Google has engineering facilities in Hyderabad and Bangalore, apart from sales offices in Mumbai and Gurgaon. Some of the projects underway in India include Map Maker and Geo. There are opportunities not only for engineers and programmers but even salespeople, product managers, interaction designers and more.
Jayashri elaborates, “The ability to work with a team is critical irrespective of whether you are in engineering, sales or even HR, as we rely heavily on collaboration. The ability to deal with change in a fast paced environment is also typically what we look for. Somebody who is used to being at a senior level in a hierarchical setup will probably find difficult to adjust. We are very fl at and don’t believe in too many hierarchies. The ability to deal with a fl at kind of structure is something that we typically look for. Another important aspect is strong coding skills. We look for people who are very much in touch with coding. At Google even managers spend a lot of time coding.” Apart from technical skills and aptitude they also give preference to people with well-rounded personalities.
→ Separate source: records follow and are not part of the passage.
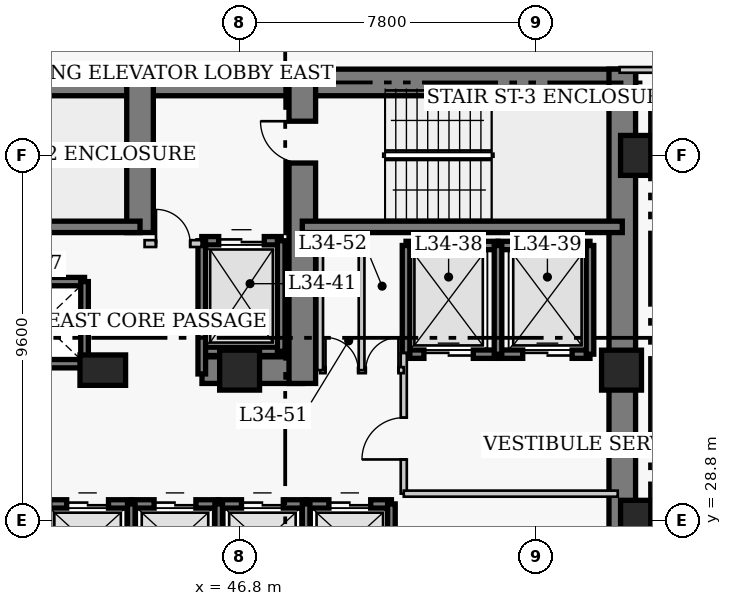
"""IFC4 building model, lengths in metres.
Left out: names, types, materials, properties, quantities, classifications, styles, units other than length and angle.
Written with IfcOpenShell. Run it as: python <this file> out.ifc"""

import sys

from ifc_helpers import new_model, si_unit, direction, frame, frame_2d, origin, origin_2d, place, context, subcontext, project, spatial, rectangle, extrude, element, fill, save


model = new_model("IFC4")
c1 = context("Model", 3, precision=1e-05, world=origin(), true_north=direction((0.0, 1.0)))
c2 = subcontext(c1, "Body", "Model", "MODEL_VIEW")
j1 = project(units=[si_unit("LENGTHUNIT", "METRE"), si_unit("PLANEANGLEUNIT", "RADIAN")], contexts=[c1])
p1 = place(None, origin())
s1 = spatial("IfcSite", under=j1, at=p1, CompositionType="ELEMENT")
p2 = place(p1, origin())
s2 = spatial("IfcBuilding", under=s1, at=p2, CompositionType="ELEMENT")
p3 = place(p2, frame((0.0, 0.0, 138.4)))
s3 = spatial("IfcBuildingStorey", under=s2, at=p3, CompositionType="ELEMENT", Elevation=138.4)
p4 = place(p3, frame((35.85, 40.32, 0.0), z_axis=(0.0, 0.0, 1.0), x_axis=(1.0, 0.0, 0.0)))
e1 = element("IfcWall", 1, at=p4, inside=s3, PredefinedType="SHEAR", context=c2, shape_type="SweptSolid", body=[
    extrude(rectangle(XDim=12.6, YDim=0.7, at=frame_2d((6.3, 0.0))), origin(), (0.0, 0.0, 1.0), 3.8),
])
p5 = place(p3, frame((48.45, 40.32, 0.0), z_axis=(0.0, 0.0, 1.0), x_axis=(1.0, 0.0, 0.0)))
e2 = element("IfcWall", 2, at=p5, inside=s3, PredefinedType="SHEAR", context=c2, shape_type="SweptSolid", body=[
    extrude(rectangle(XDim=8.77, YDim=0.7, at=frame_2d((4.385, 0.0))), origin(), (0.0, 0.0, 1.0), 3.8),
])
p6 = place(p3, frame((56.87, 27.05, 0.0), z_axis=(0.0, 0.0, 1.0), x_axis=(0.0, 1.0, 0.0)))
e3 = element("IfcWall", 3, at=p6, inside=s3, PredefinedType="SHEAR", context=c2, shape_type="SweptSolid", body=[
    extrude(rectangle(XDim=13.62, YDim=0.7, at=frame_2d((6.81, 0.0))), origin(), (0.0, 0.0, 1.0), 3.8),
])
p7 = place(p3, frame((45.81, 32.75, 0.0), z_axis=(0.0, 0.0, 1.0), x_axis=(1.0, 0.0, 0.0)))
e4 = element("IfcWall", 4, at=p7, inside=s3, PredefinedType="SHEAR", context=c2, shape_type="SweptSolid", body=[
    extrude(rectangle(XDim=2.64, YDim=0.7, at=frame_2d((1.32, 0.0))), origin(), (0.0, 0.0, 1.0), 3.8),
])
p8 = place(p3, frame((44.18, 36.37, 0.0), z_axis=(0.0, 0.0, 1.0), x_axis=(0.0, 1.0, 0.0)))
e5 = element("IfcWall", 5, at=p8, inside=s3, PredefinedType="SHEAR", context=c2, shape_type="SweptSolid", body=[
    extrude(rectangle(XDim=3.95, YDim=0.7, at=frame_2d((1.975, 0.0))), origin(), (0.0, 0.0, 1.0), 3.8),
])
p9 = place(p3, frame((48.45, 32.4, 0.0), z_axis=(0.0, 0.0, 1.0), x_axis=(0.0, 1.0, 0.0)))
e6 = element("IfcWall", 6, at=p9, inside=s3, PredefinedType="SHEAR", context=c2, shape_type="SweptSolid", body=[
    extrude(rectangle(XDim=7.92, YDim=0.7, at=frame_2d((3.96, 0.0))), origin(), (0.0, 0.0, 1.0), 3.8),
])
p10 = place(p9, frame((5.8, 0.0, 0.0)))
e7 = element("IfcOpeningElement", 7, at=p10, cuts=e6, PredefinedType="OPENING", context=c2, shape_type="SweptSolid", body=[
    extrude(rectangle(XDim=1.1, YDim=2.15, at=frame_2d((0.55, 1.075))), frame((0.0, 0.36, 0.0), z_axis=(0.0, -1.0, 0.0), x_axis=(1.0, 0.0, 0.0)), (0.0, 0.0, 1.0), 0.72),
])
p11 = place(p3, frame((35.85, 36.52, 0.0), z_axis=(0.0, 0.0, 1.0), x_axis=(1.0, 0.0, 0.0)))
e8 = element("IfcWall", 8, at=p11, inside=s3, PredefinedType="SHEAR", context=c2, shape_type="SweptSolid", body=[
    extrude(rectangle(XDim=8.33, YDim=0.3, at=frame_2d((4.165, 0.0))), origin(), (0.0, 0.0, 1.0), 3.8),
])
p12 = place(p3, frame((48.45, 36.52, 0.0), z_axis=(0.0, 0.0, 1.0), x_axis=(1.0, 0.0, 0.0)))
e9 = element("IfcWall", 9, at=p12, inside=s3, PredefinedType="SHEAR", context=c2, shape_type="SweptSolid", body=[
    extrude(rectangle(XDim=8.42, YDim=0.3, at=frame_2d((4.21, 0.0))), origin(), (0.0, 0.0, 1.0), 3.8),
])
for number, where, z_axis, x_axis in (
    (10, (57.35, 28.8, 0.0), (0.0, 0.0, 1.0), (1.0, 0.0, 0.0)),
    (11, (57.35, 38.4, 0.0), (0.0, 0.0, 1.0), (1.0, 0.0, 0.0)),
):
    element("IfcColumn", number, at=place(p3, frame(where, z_axis=z_axis, x_axis=x_axis)), inside=s3, PredefinedType="COLUMN", context=c2, shape_type="SweptSolid", body=[
        extrude(rectangle(XDim=1.05, YDim=1.05, at=origin_2d()), origin(), (0.0, 0.0, 1.0), 3.8),
    ])
p13 = place(p3, frame((43.2, 32.75, 0.0), z_axis=(0.0, 0.0, 1.0), x_axis=(1.0, 0.0, 0.0)))
e12 = element("IfcColumn", 12, at=p13, inside=s3, PredefinedType="COLUMN", context=c2, shape_type="SweptSolid", body=[
    extrude(rectangle(XDim=1.2, YDim=0.8, at=origin_2d()), origin(), (0.0, 0.0, 1.0), 3.8),
])
for number, where, z_axis, x_axis in (
    (13, (46.8, 32.75, 0.0), (0.0, 0.0, 1.0), (1.0, 0.0, 0.0)),
    (14, (56.85, 32.75, 0.0), (0.0, 0.0, 1.0), (1.0, 0.0, 0.0)),
):
    element("IfcColumn", number, at=place(p3, frame(where, z_axis=z_axis, x_axis=x_axis)), inside=s3, PredefinedType="COLUMN", context=c2, shape_type="SweptSolid", body=[
        extrude(rectangle(XDim=1.05, YDim=1.05, at=origin_2d()), origin(), (0.0, 0.0, 1.0), 3.8),
    ])
p14 = place(p3, frame((41.705, 29.23, 0.0), z_axis=(0.0, 0.0, 1.0), x_axis=(1.0, 0.0, 0.0)))
e15 = element("IfcWall", 15, at=p14, inside=s3, PredefinedType="SHEAR", context=c2, shape_type="SweptSolid", body=[
    extrude(rectangle(XDim=2.245, YDim=0.22, at=frame_2d((1.123, 0.0))), origin(), (0.0, 0.0, 1.0), 3.8),
])
p15 = place(p14, frame((0.545, 0.0, 0.0)))
e16 = element("IfcOpeningElement", 16, at=p15, cuts=e15, PredefinedType="OPENING", context=c2, shape_type="SweptSolid", body=[
    extrude(rectangle(XDim=1.1, YDim=2.15, at=frame_2d((0.55, 1.075))), frame((0.0, 0.12, 0.0), z_axis=(0.0, -1.0, 0.0), x_axis=(1.0, 0.0, 0.0)), (0.0, 0.0, 1.0), 0.24),
])
p16 = place(p3, frame((43.95, 29.23, 0.0), z_axis=(0.0, 0.0, 1.0), x_axis=(1.0, 0.0, 0.0)))
e17 = element("IfcWall", 17, at=p16, inside=s3, PredefinedType="SHEAR", context=c2, shape_type="SweptSolid", body=[
    extrude(rectangle(XDim=2.3, YDim=0.22, at=frame_2d((1.15, 0.0))), origin(), (0.0, 0.0, 1.0), 3.8),
])
p17 = place(p16, frame((0.6, 0.0, 0.0)))
e18 = element("IfcOpeningElement", 18, at=p17, cuts=e17, PredefinedType="OPENING", context=c2, shape_type="SweptSolid", body=[
    extrude(rectangle(XDim=1.1, YDim=2.15, at=frame_2d((0.55, 1.075))), frame((0.0, 0.12, 0.0), z_axis=(0.0, -1.0, 0.0), x_axis=(1.0, 0.0, 0.0)), (0.0, 0.0, 1.0), 0.24),
])
p18 = place(p3, frame((43.95, 27.17, 0.0), z_axis=(0.0, 0.0, 1.0), x_axis=(0.0, 1.0, 0.0)))
e19 = element("IfcWall", 19, at=p18, inside=s3, PredefinedType="SHEAR", context=c2, shape_type="SweptSolid", body=[
    extrude(rectangle(XDim=2.06, YDim=0.2, at=frame_2d((1.03, 0.0))), origin(), (0.0, 0.0, 1.0), 3.8),
])
p19 = place(p3, frame((46.25, 29.23, 0.0), z_axis=(0.0, 0.0, 1.0), x_axis=(1.0, 0.0, 0.0)))
e20 = element("IfcWall", 20, at=p19, inside=s3, PredefinedType="SHEAR", context=c2, shape_type="SweptSolid", body=[
    extrude(rectangle(XDim=2.3, YDim=0.22, at=frame_2d((1.15, 0.0))), origin(), (0.0, 0.0, 1.0), 3.8),
])
p20 = place(p19, frame((0.6, 0.0, 0.0)))
e21 = element("IfcOpeningElement", 21, at=p20, cuts=e20, PredefinedType="OPENING", context=c2, shape_type="SweptSolid", body=[
    extrude(rectangle(XDim=1.1, YDim=2.15, at=frame_2d((0.55, 1.075))), frame((0.0, 0.12, 0.0), z_axis=(0.0, -1.0, 0.0), x_axis=(1.0, 0.0, 0.0)), (0.0, 0.0, 1.0), 0.24),
])
p21 = place(p3, frame((46.25, 27.17, 0.0), z_axis=(0.0, 0.0, 1.0), x_axis=(0.0, 1.0, 0.0)))
e22 = element("IfcWall", 22, at=p21, inside=s3, PredefinedType="SHEAR", context=c2, shape_type="SweptSolid", body=[
    extrude(rectangle(XDim=2.06, YDim=0.2, at=frame_2d((1.03, 0.0))), origin(), (0.0, 0.0, 1.0), 3.8),
])
p22 = place(p3, frame((48.55, 29.23, 0.0), z_axis=(0.0, 0.0, 1.0), x_axis=(1.0, 0.0, 0.0)))
e23 = element("IfcWall", 23, at=p22, inside=s3, PredefinedType="SHEAR", context=c2, shape_type="SweptSolid", body=[
    extrude(rectangle(XDim=2.245, YDim=0.22, at=frame_2d((1.123, 0.0))), origin(), (0.0, 0.0, 1.0), 3.8),
])
p23 = place(p22, frame((0.6, 0.0, 0.0)))
e24 = element("IfcOpeningElement", 24, at=p23, cuts=e23, PredefinedType="OPENING", context=c2, shape_type="SweptSolid", body=[
    extrude(rectangle(XDim=1.1, YDim=2.15, at=frame_2d((0.55, 1.075))), frame((0.0, 0.12, 0.0), z_axis=(0.0, -1.0, 0.0), x_axis=(1.0, 0.0, 0.0)), (0.0, 0.0, 1.0), 0.24),
])
for number, where, z_axis, x_axis in (
    (25, (48.55, 27.17, 0.0), (0.0, 0.0, 1.0), (0.0, 1.0, 0.0)),
    (26, (50.795, 27.17, 0.0), (0.0, 0.0, 1.0), (0.0, 1.0, 0.0)),
):
    element("IfcWall", number, at=place(p3, frame(where, z_axis=z_axis, x_axis=x_axis)), inside=s3, PredefinedType="SHEAR", context=c2, shape_type="SweptSolid", body=[
        extrude(rectangle(XDim=2.06, YDim=0.2, at=frame_2d((1.03, 0.0))), origin(), (0.0, 0.0, 1.0), 3.8),
    ])
for number, where, z_axis, x_axis in (
    (27, (40.4, 35.08, 0.0), (0.0, 0.0, 1.0), (1.0, 0.0, 0.0)),
    (28, (40.4, 32.92, 0.0), (0.0, 0.0, 1.0), (1.0, 0.0, 0.0)),
):
    element("IfcWall", number, at=place(p3, frame(where, z_axis=z_axis, x_axis=x_axis)), inside=s3, PredefinedType="SHEAR", context=c2, shape_type="SweptSolid", body=[
        extrude(rectangle(XDim=2.32, YDim=0.22, at=frame_2d((1.16, 0.0))), origin(), (0.0, 0.0, 1.0), 3.8),
    ])
p24 = place(p3, frame((42.72, 32.92, 0.0), z_axis=(0.0, 0.0, 1.0), x_axis=(0.0, 1.0, 0.0)))
e29 = element("IfcWall", 29, at=p24, inside=s3, PredefinedType="SHEAR", context=c2, shape_type="SweptSolid", body=[
    extrude(rectangle(XDim=2.16, YDim=0.2, at=frame_2d((1.08, 0.0))), origin(), (0.0, 0.0, 1.0), 3.8),
])
p25 = place(p3, frame((51.18, 36.03, 0.0), z_axis=(0.0, 0.0, 1.0), x_axis=(1.0, 0.0, 0.0)))
e30 = element("IfcWall", 30, at=p25, inside=s3, PredefinedType="SHEAR", context=c2, shape_type="SweptSolid", body=[
    extrude(rectangle(XDim=2.42, YDim=0.22, at=frame_2d((1.21, 0.0))), origin(), (0.0, 0.0, 1.0), 3.8),
])
p26 = place(p3, frame((51.18, 33.17, 0.0), z_axis=(0.0, 0.0, 1.0), x_axis=(1.0, 0.0, 0.0)))
e31 = element("IfcWall", 31, at=p26, inside=s3, PredefinedType="SHEAR", context=c2, shape_type="SweptSolid", body=[
    extrude(rectangle(XDim=2.42, YDim=0.22, at=frame_2d((1.21, 0.0))), origin(), (0.0, 0.0, 1.0), 3.8),
])
p27 = place(p26, frame((0.47, 0.0, 0.0)))
e32 = element("IfcOpeningElement", 32, at=p27, cuts=e31, PredefinedType="OPENING", context=c2, shape_type="SweptSolid", body=[
    extrude(rectangle(XDim=1.3, YDim=2.15, at=frame_2d((0.65, 1.075))), frame((0.0, 0.12, 0.0), z_axis=(0.0, -1.0, 0.0), x_axis=(1.0, 0.0, 0.0)), (0.0, 0.0, 1.0), 0.24),
])
p28 = place(p3, frame((51.18, 33.17, 0.0), z_axis=(0.0, 0.0, 1.0), x_axis=(0.0, 1.0, 0.0)))
e33 = element("IfcWall", 33, at=p28, inside=s3, PredefinedType="SHEAR", context=c2, shape_type="SweptSolid", body=[
    extrude(rectangle(XDim=2.86, YDim=0.2, at=frame_2d((1.43, 0.0))), origin(), (0.0, 0.0, 1.0), 3.8),
])
p29 = place(p3, frame((53.6, 36.03, 0.0), z_axis=(0.0, 0.0, 1.0), x_axis=(1.0, 0.0, 0.0)))
e34 = element("IfcWall", 34, at=p29, inside=s3, PredefinedType="SHEAR", context=c2, shape_type="SweptSolid", body=[
    extrude(rectangle(XDim=2.42, YDim=0.22, at=frame_2d((1.21, 0.0))), origin(), (0.0, 0.0, 1.0), 3.8),
])
p30 = place(p3, frame((53.6, 33.17, 0.0), z_axis=(0.0, 0.0, 1.0), x_axis=(1.0, 0.0, 0.0)))
e35 = element("IfcWall", 35, at=p30, inside=s3, PredefinedType="SHEAR", context=c2, shape_type="SweptSolid", body=[
    extrude(rectangle(XDim=2.42, YDim=0.22, at=frame_2d((1.21, 0.0))), origin(), (0.0, 0.0, 1.0), 3.8),
])
p31 = place(p30, frame((0.65, 0.0, 0.0)))
e36 = element("IfcOpeningElement", 36, at=p31, cuts=e35, PredefinedType="OPENING", context=c2, shape_type="SweptSolid", body=[
    extrude(rectangle(XDim=1.3, YDim=2.15, at=frame_2d((0.65, 1.075))), frame((0.0, 0.12, 0.0), z_axis=(0.0, -1.0, 0.0), x_axis=(1.0, 0.0, 0.0)), (0.0, 0.0, 1.0), 0.24),
])
for number, where, z_axis, x_axis in (
    (37, (53.6, 33.17, 0.0), (0.0, 0.0, 1.0), (0.0, 1.0, 0.0)),
    (38, (56.02, 33.17, 0.0), (0.0, 0.0, 1.0), (0.0, 1.0, 0.0)),
):
    element("IfcWall", number, at=place(p3, frame(where, z_axis=z_axis, x_axis=x_axis)), inside=s3, PredefinedType="SHEAR", context=c2, shape_type="SweptSolid", body=[
        extrude(rectangle(XDim=2.86, YDim=0.2, at=frame_2d((1.43, 0.0))), origin(), (0.0, 0.0, 1.0), 3.8),
    ])
p32 = place(p3, frame((45.805, 36.155, 0.0), z_axis=(0.0, 0.0, 1.0), x_axis=(1.0, 0.0, 0.0)))
e39 = element("IfcWall", 39, at=p32, inside=s3, PredefinedType="SHEAR", context=c2, shape_type="SweptSolid", body=[
    extrude(rectangle(XDim=2.09, YDim=0.22, at=frame_2d((1.045, 0.0))), origin(), (0.0, 0.0, 1.0), 3.8),
])
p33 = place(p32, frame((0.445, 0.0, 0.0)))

They look for people who are passionate about some hobby or talent—anything from music to trekking or even a socially relevant project.
Joining the ranks
You might have heard stories about the elaborate interview process at Google, which can take a couple of months. Jayashri explains that it’s just a precaution. She says, “I wouldn’t say that it is easy, but for the right candidate with the right skills whose fundamentals are good, Google is certainly an option. We take our interview process seriously, because we believe that if we hire the right people then most things fall into place. If that means going through more rounds of interviews, then so be it. We like to do due diligence in terms of getting feedback from people within Google about a candidate before we take the final decision. So we take our time over every hire, but we try to keep the candidate informed as much as possible about expected timelines”. She states further, “Typically, a candidate goes through about four rounds of interviews. For freshers we have a written test as well. The level of expectations is different for a college student than for someone who is experienced. But even they go through a fairly detailed process. We visit college campuses and even have students approaching us directly. Even they go through multiple rounds of interviews and the process is more or less the same.”
Interning with Google
Google is a great place for internships. If you are able to prove your mettle then you might be absorbed into the company. Jayashri says, “Ideally we would like to have longer internship projects, as then that gives us an opportunity to give them more long drawn out projects. So we do go to colleges and solicit applications and we also interview people for internships. We take our internships very seriously and give projects that are meaningful, because this is a very good source of data for us. We evaluate the internship projects and those who have done well end up becoming full time Googlers. Even in that case they have to go through interviews.”
Google as a workplace
Google offices are well known for the facilities provided to employees. “People have a lot of fun working, but a lot of serious work happens behind all that fun. We encourage innovation irrespective of which function one is in, not just engineering, but across the organisation. So I would say it’s an innovative, fun kind of organisation, but there is also a lot of transparency and collaboration. There is a lot of internal mobility; we have people moving from one role to another, which may be very diverse even in geography. We encourage people to move, we provide them with the tools that will enable them to do so and we make them aware of the opportunities”.